Análise do Filme: A Loja da Esquina. (1940)

Critica de Filmes

Dirigido por Ernst Lubitsch e estrelado por James Stewart, Margaret Sullavan, Frank Morgan, Felix Bressart, William Tracy, Joseph Schildkraut, Sara Haden e Inez Courtney.

Esse filme é baseado na peça “Parfumerie”, escrita por Miklós László. Ele era um dramaturgo húngaro que imigrou para os Estados Unidos e assim fugir das perseguições políticas.

Além disso, serviu de inspiração para alguns filmes subsequentes. A sagacidade e a destreza da direção de Lubitsch, um roteiro perfeito e performances impecáveis de seu elenco experiente combinaram para criar uma história comovente, engraçada e emocionante.

Apesar de o filme ter uma ambientação europeia, foi filmado exclusivamente em Hollywood, mas se tomando muito cuidado para evocar a atmosfera romântica e melancólica da Europa Central.

A história acontece em Dezembro, mas o foco não é o Natal em si. Mas os temas: Reconciliação, perdão, afeto e esperança que estão presentes no filme fizeram com ele fosse associado ao clima natalino.

Outra curiosidade: James Stewart descobriu ser cansativo filmar as cenas em que Alfred escrevia as cartas amorosas. Ele brincava no set dizendo: “Podemos fazer um filme inteiro sem escrever nada”.

Achei interessante trazer essas informações agora o filme em si.

A trama é ambientada na charmosa Budapeste dos anos 1930. E conta a história de Alfred Kralik (James Stewart). Ele é considerado o funcionário mais experiente e respeitado pela pequena loja de presentes Matuschek & Company.

Alfred é dedicado, sério e bastante meticuloso em seu trabalho. Apesar de manter uma relação cordial com seus colegas, ele vive em constante conflito com o senhor Matuschek, o dono da loja que é muito exigente e que anda cada vez mais desconfiado de tudo e todos, e vive sempre mal-humorado.

A rotina da loja muda com a chegada de Klara Novak (Margareth Sullavan), uma jovem determinada que consegue um emprego na loja depois de impressionar o Senhor Matuschek. Alfred e Klara logo se estranham. Ambos têm personalidades fortes, discutem com frequência e parece serem incapazes de concordar em qualquer coisa.

O que eles não sabem é que, fora da loja, são correspondentes românticos anônimos. Através de cartas apaixonadas, trocam pensamentos profundos, sonhos e confidências. Cada um acredita ter encontrado sua alma gêmea, sem imaginar que se trata justamente da pessoa com quem vive brigando feito cão e rato.
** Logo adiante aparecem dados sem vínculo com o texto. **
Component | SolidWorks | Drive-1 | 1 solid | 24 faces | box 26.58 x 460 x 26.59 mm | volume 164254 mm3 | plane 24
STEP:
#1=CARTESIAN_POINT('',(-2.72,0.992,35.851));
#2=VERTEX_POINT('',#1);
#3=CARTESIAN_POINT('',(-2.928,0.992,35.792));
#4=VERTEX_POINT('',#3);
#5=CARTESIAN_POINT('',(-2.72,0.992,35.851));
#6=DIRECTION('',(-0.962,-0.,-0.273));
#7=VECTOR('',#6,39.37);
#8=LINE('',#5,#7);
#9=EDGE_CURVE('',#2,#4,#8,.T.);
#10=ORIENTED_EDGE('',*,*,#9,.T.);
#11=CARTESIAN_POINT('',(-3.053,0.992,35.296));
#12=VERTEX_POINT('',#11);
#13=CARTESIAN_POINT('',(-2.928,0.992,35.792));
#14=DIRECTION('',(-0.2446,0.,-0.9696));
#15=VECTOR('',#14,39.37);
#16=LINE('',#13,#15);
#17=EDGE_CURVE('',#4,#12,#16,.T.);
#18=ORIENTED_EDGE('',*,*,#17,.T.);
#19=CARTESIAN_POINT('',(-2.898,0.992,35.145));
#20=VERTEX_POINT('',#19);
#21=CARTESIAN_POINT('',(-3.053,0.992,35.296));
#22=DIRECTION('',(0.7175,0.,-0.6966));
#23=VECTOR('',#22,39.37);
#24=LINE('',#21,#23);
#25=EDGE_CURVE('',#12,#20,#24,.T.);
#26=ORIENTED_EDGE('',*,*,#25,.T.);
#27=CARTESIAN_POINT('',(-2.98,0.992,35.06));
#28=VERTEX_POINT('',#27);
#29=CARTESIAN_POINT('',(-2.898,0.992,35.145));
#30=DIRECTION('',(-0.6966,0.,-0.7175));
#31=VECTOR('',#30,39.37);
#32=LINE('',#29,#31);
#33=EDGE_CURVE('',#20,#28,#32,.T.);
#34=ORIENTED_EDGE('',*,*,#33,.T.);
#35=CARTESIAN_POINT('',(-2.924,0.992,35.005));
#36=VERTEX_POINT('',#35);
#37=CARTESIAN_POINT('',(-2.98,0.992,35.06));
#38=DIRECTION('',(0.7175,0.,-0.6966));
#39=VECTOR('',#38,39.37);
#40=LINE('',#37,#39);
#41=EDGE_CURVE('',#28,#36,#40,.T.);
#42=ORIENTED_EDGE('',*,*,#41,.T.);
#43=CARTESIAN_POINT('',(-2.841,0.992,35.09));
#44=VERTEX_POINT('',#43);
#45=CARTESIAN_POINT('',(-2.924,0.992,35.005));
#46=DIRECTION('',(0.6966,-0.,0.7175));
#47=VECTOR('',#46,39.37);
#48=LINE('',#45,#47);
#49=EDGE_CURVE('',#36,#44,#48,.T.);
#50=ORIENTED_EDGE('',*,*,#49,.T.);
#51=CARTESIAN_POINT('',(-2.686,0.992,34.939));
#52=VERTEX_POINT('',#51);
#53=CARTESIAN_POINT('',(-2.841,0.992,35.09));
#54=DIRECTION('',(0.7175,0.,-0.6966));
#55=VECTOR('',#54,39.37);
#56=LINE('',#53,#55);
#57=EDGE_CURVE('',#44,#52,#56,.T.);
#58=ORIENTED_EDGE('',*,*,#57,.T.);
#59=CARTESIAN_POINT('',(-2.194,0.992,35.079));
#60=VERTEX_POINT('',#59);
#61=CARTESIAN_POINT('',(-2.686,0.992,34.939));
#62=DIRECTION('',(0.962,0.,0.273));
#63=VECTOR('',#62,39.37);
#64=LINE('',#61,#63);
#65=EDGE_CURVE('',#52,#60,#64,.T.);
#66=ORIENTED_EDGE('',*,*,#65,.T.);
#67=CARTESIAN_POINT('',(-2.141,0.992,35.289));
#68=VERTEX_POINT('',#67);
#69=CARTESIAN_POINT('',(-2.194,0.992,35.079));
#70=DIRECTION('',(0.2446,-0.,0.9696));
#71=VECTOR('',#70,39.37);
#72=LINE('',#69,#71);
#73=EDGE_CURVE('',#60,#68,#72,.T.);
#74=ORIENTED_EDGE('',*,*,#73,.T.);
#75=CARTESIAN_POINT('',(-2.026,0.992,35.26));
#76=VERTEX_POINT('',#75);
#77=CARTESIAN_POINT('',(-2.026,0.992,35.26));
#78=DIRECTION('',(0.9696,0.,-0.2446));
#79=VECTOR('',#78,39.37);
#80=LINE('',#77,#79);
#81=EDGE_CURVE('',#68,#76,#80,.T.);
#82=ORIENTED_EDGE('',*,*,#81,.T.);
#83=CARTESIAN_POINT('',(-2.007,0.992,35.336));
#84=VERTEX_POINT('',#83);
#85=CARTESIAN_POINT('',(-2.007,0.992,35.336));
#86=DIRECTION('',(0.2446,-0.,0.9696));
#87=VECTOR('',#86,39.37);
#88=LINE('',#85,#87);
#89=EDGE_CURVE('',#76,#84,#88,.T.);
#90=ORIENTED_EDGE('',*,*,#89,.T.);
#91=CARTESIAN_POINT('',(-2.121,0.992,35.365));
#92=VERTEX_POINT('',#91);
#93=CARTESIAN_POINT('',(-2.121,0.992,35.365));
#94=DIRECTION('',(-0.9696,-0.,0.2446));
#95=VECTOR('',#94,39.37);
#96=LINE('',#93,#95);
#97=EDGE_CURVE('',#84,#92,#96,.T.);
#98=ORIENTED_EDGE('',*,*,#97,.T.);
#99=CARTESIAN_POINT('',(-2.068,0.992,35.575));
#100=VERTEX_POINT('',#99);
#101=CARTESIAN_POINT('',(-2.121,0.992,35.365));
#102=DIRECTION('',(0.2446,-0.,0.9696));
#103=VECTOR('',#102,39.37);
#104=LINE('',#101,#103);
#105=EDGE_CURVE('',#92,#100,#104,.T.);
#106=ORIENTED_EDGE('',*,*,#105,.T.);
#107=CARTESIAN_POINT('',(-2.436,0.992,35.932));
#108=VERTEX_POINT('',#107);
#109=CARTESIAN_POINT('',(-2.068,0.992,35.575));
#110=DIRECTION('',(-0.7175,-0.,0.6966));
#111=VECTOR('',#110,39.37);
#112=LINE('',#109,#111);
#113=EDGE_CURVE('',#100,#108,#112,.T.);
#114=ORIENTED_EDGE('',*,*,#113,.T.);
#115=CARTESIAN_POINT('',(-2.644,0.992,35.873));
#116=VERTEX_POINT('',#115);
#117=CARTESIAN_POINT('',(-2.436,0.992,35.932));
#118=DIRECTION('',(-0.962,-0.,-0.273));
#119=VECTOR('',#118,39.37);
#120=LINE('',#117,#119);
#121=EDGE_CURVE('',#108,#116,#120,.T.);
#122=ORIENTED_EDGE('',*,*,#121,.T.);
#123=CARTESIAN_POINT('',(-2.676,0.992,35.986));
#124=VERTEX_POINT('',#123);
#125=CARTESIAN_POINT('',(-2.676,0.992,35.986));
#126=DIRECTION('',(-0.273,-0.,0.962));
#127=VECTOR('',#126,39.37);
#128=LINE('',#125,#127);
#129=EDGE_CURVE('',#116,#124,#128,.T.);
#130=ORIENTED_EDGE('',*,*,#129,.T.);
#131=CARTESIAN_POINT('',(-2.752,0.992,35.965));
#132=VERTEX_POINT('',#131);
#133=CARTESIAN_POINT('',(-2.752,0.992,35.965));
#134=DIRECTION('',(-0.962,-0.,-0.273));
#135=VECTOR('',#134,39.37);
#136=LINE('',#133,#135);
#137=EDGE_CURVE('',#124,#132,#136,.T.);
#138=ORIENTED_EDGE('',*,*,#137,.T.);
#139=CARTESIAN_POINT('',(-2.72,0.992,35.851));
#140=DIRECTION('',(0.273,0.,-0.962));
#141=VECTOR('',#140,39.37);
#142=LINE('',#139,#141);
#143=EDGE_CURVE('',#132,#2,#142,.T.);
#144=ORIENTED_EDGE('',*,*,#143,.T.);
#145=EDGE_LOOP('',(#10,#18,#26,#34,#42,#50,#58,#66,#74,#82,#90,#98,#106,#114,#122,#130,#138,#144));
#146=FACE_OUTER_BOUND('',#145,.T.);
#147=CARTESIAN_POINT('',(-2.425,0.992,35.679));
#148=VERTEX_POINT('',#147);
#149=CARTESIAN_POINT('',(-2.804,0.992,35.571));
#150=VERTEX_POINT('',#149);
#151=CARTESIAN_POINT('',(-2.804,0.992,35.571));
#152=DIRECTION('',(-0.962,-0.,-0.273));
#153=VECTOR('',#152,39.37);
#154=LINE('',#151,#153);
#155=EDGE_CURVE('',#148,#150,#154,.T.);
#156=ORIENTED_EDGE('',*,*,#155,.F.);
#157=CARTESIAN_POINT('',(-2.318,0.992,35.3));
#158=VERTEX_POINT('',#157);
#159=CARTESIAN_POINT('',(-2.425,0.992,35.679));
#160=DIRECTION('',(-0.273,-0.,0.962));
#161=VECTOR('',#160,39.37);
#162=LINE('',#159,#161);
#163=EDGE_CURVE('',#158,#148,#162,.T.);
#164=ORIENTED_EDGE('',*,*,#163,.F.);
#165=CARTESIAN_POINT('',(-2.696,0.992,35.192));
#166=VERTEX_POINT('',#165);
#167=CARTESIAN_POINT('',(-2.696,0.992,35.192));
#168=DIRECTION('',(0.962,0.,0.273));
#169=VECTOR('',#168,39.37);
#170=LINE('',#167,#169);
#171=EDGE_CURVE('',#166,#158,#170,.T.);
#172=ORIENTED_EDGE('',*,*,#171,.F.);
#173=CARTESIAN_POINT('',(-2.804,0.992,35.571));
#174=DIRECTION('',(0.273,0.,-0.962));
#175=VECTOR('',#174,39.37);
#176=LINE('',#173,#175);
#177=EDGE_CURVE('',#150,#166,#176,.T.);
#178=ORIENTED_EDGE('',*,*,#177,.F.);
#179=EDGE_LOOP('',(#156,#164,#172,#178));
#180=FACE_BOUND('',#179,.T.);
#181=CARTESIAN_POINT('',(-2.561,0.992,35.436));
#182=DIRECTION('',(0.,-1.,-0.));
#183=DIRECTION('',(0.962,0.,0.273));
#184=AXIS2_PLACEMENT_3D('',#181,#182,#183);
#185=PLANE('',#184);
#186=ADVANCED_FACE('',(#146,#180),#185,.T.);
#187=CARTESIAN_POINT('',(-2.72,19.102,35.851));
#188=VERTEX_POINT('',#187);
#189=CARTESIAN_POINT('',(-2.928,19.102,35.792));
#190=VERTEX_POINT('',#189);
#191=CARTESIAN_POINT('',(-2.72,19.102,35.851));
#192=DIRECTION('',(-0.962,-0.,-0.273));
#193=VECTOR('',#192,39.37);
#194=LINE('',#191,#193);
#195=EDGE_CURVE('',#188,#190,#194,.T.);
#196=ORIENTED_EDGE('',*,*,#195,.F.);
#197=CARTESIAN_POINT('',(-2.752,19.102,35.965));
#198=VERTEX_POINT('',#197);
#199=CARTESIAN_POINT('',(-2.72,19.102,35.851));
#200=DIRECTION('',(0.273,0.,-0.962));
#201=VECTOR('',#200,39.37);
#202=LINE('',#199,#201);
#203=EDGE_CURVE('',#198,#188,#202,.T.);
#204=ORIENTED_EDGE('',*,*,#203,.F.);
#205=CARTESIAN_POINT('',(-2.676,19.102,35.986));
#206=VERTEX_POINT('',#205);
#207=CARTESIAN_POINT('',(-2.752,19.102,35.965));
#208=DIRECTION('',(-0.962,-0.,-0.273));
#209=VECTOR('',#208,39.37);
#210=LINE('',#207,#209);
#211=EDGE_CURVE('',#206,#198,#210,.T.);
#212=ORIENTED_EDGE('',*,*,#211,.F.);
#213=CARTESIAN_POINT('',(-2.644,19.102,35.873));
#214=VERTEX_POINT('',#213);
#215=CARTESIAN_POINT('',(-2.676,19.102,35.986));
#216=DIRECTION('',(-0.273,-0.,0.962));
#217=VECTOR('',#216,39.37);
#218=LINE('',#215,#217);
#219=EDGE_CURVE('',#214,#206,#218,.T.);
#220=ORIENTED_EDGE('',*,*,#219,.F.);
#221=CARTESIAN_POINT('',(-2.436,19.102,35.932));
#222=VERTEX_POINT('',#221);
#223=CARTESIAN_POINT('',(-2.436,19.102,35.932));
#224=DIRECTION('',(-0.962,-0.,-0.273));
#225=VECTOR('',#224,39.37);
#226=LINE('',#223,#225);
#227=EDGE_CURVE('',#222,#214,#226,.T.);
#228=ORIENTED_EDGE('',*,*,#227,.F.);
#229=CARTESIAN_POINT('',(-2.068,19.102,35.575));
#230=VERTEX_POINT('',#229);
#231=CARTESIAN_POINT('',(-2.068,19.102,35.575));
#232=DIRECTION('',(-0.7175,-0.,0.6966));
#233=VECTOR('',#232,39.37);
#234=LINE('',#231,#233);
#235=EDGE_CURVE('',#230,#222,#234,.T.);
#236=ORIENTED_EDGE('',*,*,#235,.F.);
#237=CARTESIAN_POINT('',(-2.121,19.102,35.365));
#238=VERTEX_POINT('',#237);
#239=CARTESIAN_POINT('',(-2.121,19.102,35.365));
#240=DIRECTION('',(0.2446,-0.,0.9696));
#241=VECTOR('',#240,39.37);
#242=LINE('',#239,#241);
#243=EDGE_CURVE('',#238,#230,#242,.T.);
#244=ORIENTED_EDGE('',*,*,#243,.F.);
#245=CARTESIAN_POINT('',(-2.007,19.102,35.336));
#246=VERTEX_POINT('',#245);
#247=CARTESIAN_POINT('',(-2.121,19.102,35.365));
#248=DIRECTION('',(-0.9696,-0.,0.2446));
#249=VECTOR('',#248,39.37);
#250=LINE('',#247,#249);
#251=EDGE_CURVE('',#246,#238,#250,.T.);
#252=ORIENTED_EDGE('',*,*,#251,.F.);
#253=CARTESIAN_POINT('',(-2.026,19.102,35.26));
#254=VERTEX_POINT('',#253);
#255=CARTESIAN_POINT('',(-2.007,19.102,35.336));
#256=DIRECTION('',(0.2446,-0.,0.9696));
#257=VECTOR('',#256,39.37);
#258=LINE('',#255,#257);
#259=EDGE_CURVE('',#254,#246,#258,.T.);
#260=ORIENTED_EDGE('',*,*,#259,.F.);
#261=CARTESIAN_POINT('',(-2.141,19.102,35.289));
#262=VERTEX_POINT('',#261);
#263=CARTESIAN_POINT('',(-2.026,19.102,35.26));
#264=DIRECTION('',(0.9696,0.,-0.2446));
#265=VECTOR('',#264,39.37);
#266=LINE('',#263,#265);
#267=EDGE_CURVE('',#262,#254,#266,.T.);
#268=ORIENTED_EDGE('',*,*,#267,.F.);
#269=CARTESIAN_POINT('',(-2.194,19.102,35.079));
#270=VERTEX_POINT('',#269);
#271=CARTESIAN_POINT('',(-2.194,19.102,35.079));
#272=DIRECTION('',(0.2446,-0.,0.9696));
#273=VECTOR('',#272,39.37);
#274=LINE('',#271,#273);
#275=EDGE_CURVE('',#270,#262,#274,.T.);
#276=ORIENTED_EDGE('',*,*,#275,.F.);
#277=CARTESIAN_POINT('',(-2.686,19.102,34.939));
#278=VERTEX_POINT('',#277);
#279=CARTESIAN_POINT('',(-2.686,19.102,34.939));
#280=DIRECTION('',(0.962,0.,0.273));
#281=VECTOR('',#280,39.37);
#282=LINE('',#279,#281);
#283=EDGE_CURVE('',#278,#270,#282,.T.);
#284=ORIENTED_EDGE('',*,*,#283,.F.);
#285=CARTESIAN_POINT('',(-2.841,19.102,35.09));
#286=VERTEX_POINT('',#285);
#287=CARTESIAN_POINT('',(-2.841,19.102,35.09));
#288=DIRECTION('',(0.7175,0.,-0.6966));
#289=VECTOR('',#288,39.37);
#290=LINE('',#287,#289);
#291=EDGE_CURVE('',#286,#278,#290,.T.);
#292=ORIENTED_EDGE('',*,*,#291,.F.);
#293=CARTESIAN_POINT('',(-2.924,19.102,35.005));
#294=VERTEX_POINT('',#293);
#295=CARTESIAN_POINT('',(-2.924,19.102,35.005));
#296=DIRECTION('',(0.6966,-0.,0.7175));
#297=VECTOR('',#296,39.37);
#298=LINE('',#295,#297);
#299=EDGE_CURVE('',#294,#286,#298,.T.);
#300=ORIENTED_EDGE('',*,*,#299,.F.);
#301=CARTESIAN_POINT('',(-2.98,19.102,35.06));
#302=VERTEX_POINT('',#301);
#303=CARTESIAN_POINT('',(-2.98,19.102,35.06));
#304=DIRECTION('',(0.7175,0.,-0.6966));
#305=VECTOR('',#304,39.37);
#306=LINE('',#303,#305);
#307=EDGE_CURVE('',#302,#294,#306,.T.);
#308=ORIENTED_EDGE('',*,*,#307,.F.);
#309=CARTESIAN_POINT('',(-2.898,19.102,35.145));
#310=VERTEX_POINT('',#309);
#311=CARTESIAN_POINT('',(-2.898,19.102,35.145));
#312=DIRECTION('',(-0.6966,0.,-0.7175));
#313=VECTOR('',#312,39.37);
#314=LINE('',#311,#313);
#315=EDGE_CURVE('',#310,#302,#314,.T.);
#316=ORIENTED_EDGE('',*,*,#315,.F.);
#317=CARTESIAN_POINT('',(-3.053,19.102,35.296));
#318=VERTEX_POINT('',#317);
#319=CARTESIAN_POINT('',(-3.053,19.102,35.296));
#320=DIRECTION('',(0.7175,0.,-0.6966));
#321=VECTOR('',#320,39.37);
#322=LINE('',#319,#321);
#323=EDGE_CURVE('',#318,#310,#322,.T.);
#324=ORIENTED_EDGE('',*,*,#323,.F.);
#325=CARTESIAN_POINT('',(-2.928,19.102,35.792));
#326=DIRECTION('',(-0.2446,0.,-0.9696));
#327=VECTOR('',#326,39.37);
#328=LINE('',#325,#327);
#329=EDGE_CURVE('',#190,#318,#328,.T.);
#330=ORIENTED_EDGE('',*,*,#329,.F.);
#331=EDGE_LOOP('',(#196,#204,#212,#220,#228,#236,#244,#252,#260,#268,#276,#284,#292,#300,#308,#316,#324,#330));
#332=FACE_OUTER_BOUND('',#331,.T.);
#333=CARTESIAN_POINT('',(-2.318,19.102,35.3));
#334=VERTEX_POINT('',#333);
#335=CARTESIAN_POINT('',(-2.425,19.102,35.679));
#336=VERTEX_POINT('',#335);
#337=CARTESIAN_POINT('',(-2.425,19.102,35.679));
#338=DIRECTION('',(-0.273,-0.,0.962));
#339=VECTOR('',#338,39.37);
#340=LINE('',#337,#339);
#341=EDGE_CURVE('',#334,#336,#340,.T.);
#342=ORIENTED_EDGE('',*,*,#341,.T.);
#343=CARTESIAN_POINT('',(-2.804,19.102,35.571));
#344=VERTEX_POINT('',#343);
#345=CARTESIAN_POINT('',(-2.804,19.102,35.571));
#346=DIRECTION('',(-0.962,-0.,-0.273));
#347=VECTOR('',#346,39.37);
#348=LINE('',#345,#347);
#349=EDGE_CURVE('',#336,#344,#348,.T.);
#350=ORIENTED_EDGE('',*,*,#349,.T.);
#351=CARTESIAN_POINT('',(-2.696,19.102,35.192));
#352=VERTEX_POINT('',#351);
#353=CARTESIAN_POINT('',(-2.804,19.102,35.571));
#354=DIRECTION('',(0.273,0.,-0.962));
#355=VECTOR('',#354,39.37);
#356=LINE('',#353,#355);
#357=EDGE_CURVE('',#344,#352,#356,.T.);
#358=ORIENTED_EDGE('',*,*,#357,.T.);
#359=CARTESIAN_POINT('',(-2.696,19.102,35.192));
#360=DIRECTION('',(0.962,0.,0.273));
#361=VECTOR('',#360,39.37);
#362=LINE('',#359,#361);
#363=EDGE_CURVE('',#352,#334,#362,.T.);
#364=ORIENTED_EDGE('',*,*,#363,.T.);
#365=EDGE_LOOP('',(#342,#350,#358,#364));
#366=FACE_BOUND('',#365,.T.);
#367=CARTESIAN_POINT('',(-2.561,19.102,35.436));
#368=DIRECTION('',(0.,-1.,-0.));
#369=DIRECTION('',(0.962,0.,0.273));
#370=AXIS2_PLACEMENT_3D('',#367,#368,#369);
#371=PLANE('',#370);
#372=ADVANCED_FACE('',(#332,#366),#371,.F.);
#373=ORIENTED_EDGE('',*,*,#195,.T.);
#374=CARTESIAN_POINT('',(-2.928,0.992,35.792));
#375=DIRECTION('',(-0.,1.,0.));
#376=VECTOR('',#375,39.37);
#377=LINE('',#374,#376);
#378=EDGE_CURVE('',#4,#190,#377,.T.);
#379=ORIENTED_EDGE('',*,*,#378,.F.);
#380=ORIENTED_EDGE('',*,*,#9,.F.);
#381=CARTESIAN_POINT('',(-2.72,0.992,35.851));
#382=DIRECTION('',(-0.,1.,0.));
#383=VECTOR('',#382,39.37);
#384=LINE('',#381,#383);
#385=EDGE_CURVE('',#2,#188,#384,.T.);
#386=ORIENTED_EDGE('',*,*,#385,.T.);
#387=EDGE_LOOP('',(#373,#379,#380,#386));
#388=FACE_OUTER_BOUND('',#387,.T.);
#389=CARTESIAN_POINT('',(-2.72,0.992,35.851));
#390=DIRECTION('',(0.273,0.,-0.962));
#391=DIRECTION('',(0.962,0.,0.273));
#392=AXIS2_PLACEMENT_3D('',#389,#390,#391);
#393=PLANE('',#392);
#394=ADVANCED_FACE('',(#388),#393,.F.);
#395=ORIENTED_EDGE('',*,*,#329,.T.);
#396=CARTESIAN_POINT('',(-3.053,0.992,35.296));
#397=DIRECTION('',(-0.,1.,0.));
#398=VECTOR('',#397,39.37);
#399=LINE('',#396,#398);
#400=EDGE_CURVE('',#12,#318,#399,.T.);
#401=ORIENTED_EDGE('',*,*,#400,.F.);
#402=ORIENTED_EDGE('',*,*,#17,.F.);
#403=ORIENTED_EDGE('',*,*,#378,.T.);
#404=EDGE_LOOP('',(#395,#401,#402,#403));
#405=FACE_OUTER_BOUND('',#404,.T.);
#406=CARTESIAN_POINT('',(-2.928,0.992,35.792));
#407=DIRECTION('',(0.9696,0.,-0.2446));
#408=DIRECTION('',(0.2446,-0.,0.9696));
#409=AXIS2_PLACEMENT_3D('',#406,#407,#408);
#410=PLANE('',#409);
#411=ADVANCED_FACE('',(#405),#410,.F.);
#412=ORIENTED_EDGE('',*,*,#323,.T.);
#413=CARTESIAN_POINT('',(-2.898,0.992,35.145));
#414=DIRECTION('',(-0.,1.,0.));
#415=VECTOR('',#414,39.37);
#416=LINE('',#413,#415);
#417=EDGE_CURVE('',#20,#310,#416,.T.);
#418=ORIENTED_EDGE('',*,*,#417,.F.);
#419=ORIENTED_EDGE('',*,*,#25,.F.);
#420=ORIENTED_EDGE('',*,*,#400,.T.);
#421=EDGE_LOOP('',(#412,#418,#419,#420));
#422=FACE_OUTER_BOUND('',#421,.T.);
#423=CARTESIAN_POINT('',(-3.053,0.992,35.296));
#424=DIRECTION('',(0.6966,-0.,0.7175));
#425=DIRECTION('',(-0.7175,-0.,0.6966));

O clima na loja piora quando o Senhor Matuschek, influenciado por um funcionário invejoso, começa a desconfiar de Alfred e o demite repentinamente. Alfred fica desolado e sem entender o motivo. E para ajudar, ele ainda precisa lidar com a expectativa de encontrar sua correspondente misteriosa em um encontro marcado para aquela noite.

Ao chegar ao café combinado, ele descobre que a mulher das cartas é Klara. Chocado, mas também curioso, ele decide não se revelar imediatamente. A partir daí, ele passa a se aproximar dela de uma nova forma, e com isso, quebrando as poucas barreiras que os separavam.

Com o tempo, a verdade vem à tona. Tanto sobre o romance quanto sobre os mal-entendidos na loja. Alfred é reintegrado no trabalho e o clima entre os colegas se resolve. E o senhor Matuschek também enfrenta seus dramas pessoais e dessa forma, dissolvendo a tensão que dominava o ambiente.

E por fim, Alfred finalmente revela a Klara que ele é o autor das cartas. Ela fica surpresa e emocionada ao perceber que o amor que imaginava existir no papel estava bem na frente dela.

O filme termina com um tom doce, simbolizando reconciliação, afeto e a descoberta do amor onde menos se espera.

Essa é a minha versão favorita. Se bem que amo a versão de Mensagem de amor com Meg Ryan e Tom Hanks e me lembrei de muitas cenas desse filme mais recente.

Mas e vocês? O que acharam do filme? Quem quiser comentar, fique a vontade. Um beijo a todos. E até a próxima matéria.